# Firefighter transfer help??



## Jenben (Nov 4, 2010)

Hi 
We have sold our house in the UK and would love to move to Canada. 

My husband is a Canadian Citizen and has relevant Firefighting qualifications for Canada with 14 yrs of experience -does anyone know of any Fire Station willing to look at a transfer? he has applied for lots of jobs and heard nothing back I guess its hard for employers to see we are serious about moving from so far away but really trying to be sensible and don't want to take the risk with no job to go to!
Not sure if anyone can help- we don't mind where we go just want a better life for ourselves and kids!


----------



## Auld Yin (Mar 10, 2009)

Jenben said:


> Hi
> We have sold our house in the UK and would love to move to Canada.
> 
> My husband is a Canadian Citizen and has relevant Firefighting qualifications for Canada with 14 yrs of experience -does anyone know of any Fire Station willing to look at a transfer? he has applied for lots of jobs and heard nothing back I guess its hard for employers to see we are serious about moving from so far away but really trying to be sensible and don't want to take the risk with no job to go to!
> Not sure if anyone can help- we don't mind where we go just want a better life for ourselves and kids!

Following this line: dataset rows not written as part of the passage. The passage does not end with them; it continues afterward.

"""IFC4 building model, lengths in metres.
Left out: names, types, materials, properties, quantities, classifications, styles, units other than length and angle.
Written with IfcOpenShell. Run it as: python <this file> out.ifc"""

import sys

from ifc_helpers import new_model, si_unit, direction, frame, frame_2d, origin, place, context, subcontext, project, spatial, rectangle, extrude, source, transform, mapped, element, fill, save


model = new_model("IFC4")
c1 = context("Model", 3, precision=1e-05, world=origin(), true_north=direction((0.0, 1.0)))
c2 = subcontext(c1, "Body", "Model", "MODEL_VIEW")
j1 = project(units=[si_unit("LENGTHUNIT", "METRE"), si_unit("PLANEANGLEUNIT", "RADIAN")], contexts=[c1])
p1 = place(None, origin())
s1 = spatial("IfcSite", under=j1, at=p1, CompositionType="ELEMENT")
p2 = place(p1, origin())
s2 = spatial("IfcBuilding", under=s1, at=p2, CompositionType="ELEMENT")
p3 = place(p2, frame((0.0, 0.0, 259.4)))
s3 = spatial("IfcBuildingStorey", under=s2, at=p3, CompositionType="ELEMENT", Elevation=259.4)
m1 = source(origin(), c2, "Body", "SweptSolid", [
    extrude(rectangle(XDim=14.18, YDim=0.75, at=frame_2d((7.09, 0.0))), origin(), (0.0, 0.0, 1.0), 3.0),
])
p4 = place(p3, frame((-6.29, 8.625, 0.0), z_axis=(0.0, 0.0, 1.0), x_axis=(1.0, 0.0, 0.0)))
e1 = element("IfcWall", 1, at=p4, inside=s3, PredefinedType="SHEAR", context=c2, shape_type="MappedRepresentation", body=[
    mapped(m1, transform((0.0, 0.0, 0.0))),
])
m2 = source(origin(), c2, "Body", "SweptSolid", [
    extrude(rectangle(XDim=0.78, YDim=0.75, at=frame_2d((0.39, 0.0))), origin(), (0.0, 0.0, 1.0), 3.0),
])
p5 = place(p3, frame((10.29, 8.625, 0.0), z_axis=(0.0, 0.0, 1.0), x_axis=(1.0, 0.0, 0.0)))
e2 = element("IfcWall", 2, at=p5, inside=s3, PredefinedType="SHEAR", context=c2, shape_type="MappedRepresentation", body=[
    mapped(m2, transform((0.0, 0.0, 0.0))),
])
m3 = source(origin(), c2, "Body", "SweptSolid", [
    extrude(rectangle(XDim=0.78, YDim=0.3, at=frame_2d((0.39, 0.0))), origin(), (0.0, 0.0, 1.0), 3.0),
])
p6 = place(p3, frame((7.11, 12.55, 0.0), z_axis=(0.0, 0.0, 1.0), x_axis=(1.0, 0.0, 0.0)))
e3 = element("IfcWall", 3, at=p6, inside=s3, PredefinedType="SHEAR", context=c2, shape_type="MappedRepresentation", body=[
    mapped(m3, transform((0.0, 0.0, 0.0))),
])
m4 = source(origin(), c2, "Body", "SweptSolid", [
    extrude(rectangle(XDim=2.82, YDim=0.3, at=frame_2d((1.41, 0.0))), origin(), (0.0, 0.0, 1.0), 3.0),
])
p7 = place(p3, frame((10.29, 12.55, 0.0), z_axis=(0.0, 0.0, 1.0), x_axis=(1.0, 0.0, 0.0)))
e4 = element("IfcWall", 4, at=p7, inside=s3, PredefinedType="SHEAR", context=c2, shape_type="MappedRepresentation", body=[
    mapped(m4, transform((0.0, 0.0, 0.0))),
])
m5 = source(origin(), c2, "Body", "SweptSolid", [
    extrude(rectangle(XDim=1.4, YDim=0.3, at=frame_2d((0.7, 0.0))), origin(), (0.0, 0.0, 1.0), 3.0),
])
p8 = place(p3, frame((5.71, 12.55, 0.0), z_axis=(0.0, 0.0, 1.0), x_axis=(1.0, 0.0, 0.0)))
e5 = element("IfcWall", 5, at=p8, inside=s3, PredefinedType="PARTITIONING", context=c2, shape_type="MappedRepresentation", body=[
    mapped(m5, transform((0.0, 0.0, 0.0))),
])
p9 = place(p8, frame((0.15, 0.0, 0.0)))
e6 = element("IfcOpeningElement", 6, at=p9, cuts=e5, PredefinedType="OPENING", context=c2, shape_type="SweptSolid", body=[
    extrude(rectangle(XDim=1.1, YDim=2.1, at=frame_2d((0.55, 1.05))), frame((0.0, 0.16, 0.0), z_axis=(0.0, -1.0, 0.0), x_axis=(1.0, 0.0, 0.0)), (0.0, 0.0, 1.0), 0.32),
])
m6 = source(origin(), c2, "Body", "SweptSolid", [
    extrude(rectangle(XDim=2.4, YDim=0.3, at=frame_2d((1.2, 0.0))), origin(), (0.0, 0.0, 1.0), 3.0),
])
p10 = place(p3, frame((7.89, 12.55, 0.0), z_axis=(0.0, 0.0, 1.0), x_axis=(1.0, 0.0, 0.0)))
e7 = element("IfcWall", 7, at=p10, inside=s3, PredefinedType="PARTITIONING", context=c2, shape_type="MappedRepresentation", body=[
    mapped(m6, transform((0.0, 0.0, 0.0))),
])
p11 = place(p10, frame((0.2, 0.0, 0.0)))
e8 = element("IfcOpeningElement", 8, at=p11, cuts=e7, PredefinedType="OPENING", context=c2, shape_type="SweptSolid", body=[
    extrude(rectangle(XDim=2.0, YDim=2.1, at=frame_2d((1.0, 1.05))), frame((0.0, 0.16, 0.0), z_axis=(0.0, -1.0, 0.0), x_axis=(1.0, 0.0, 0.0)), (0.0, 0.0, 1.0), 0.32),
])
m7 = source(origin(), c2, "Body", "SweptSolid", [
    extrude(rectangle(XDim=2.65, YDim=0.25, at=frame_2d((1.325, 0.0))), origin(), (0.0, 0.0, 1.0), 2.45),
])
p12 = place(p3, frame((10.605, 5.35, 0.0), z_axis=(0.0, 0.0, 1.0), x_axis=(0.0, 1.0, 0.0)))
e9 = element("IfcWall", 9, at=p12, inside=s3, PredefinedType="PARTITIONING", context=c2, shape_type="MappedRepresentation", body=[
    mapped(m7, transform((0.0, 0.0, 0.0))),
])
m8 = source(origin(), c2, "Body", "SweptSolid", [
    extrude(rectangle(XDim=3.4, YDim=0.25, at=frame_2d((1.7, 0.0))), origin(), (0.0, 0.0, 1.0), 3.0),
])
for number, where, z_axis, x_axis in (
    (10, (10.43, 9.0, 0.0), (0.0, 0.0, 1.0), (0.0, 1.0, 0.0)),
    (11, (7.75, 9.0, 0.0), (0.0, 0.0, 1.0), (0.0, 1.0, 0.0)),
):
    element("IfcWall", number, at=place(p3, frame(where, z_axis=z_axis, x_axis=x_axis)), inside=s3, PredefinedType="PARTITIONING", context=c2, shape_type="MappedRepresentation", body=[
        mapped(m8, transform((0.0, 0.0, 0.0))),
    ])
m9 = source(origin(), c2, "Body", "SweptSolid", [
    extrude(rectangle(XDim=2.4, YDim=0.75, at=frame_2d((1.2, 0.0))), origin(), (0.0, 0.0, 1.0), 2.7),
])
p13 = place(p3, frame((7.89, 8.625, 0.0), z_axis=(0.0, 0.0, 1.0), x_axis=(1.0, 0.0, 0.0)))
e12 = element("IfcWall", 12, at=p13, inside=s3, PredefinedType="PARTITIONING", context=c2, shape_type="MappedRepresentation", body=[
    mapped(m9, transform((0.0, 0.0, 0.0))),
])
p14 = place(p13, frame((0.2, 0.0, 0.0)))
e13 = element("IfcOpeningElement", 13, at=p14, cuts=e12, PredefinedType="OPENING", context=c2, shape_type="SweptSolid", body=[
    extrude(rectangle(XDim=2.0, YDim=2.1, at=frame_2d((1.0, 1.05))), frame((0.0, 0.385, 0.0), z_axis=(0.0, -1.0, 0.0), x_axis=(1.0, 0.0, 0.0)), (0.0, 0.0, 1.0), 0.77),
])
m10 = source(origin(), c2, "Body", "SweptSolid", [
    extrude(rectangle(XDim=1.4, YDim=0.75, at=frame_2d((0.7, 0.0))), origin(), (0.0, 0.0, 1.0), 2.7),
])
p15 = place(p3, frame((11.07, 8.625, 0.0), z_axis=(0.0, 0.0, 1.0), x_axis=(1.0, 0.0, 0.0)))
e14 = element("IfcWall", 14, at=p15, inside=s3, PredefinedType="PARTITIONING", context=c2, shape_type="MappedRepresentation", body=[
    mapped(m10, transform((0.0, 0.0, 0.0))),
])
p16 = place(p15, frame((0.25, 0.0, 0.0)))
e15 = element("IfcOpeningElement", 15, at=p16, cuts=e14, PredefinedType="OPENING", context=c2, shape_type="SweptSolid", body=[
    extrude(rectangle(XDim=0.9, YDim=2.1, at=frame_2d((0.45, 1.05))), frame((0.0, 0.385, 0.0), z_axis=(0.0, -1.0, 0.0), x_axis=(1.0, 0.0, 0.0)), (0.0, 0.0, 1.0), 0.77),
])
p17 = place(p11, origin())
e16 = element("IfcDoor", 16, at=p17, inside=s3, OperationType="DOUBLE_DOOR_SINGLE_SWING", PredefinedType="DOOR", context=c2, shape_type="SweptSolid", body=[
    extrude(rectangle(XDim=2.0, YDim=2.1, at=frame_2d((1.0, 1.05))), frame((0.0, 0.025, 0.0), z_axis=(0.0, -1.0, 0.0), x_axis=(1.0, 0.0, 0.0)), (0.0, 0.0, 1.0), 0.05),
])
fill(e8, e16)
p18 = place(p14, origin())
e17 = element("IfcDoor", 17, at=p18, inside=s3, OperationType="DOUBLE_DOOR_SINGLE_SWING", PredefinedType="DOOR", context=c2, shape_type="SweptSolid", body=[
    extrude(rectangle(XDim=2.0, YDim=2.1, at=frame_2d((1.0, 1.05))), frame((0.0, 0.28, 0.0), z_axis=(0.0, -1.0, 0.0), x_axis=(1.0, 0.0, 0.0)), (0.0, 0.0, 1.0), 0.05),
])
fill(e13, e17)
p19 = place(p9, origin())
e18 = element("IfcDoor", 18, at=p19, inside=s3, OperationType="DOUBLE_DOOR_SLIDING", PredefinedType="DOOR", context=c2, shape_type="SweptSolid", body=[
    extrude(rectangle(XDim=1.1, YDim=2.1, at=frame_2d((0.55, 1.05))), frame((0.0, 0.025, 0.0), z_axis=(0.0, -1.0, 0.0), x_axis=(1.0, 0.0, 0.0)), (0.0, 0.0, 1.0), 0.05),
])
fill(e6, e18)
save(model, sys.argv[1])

Firstly I assume your husband has been a firefighter in the UK for 14 Years. I don't know how it works in the UK but Fire Stations in Canada do not hire and/or transfer. This would be done by the Fire Departments of the various municipalities across the country. You didn't indicate which part of the country you wish to live in. Which Fire Services has he applied to? For example the City of Toronto Fire Services Recruitment website is City of Toronto: Toronto Fire Services - Recruitment
Other cities will have similar websites.


----------



## greeneyes (Jan 4, 2010)

Really don't want to rain on your parade BUT getting a firefighter job in Canada is next to impossible. It is the proverbial golden goose egg of a job - very much sought after and very rare to get! 

Most fire stations aren't even accepting applications for volunteer firefighters. And it is the volunteers that work for years waiting for a paid position to open up, and that are ultimately hired on when a position does free up.

So the fact that your husband has had no response would not be because you are outside the country, but because even the people in the country that want the position don't have a prayer of getting hired on.


----------



## Jenben (Nov 4, 2010)

Thanks for your advice- I think we will keep trying we have enough savings to support us for at least 6 mths out there without a job - but not sure whether to take the risk! although we are sure the life would be so much better than the UK -do you know if you can get any support if you cannot find a job? thanks


----------



## greeneyes (Jan 4, 2010)

Jenben said:


> Thanks for your advice- I think we will keep trying we have enough savings to support us for at least 6 mths out there without a job - but not sure whether to take the risk! although we are sure the life would be so much better than the UK -do you know if you can get any support if you cannot find a job? thanks


From what I understand, your husband, as a Canadian, has the right to live in Canada with or without a job. In order to sponsor your entry into the country however, he must show sufficient funds to support you (and any children) for THREE years. From Sponsoring your family: Spouses and dependent children

"To be a sponsor:

You and the sponsored relative must sign a sponsorship agreement that commits you to provide financial support for your relative, if necessary. This agreement also says the person becoming a permanent resident will make every effort to support her or himself. 
You must provide financial support for a spouse, common-law or conjugal partner for three years from the date they become a permanent resident. 
You must provide financial support for a dependent child for 10 years, or until the child turns 25, whichever comes first."


----------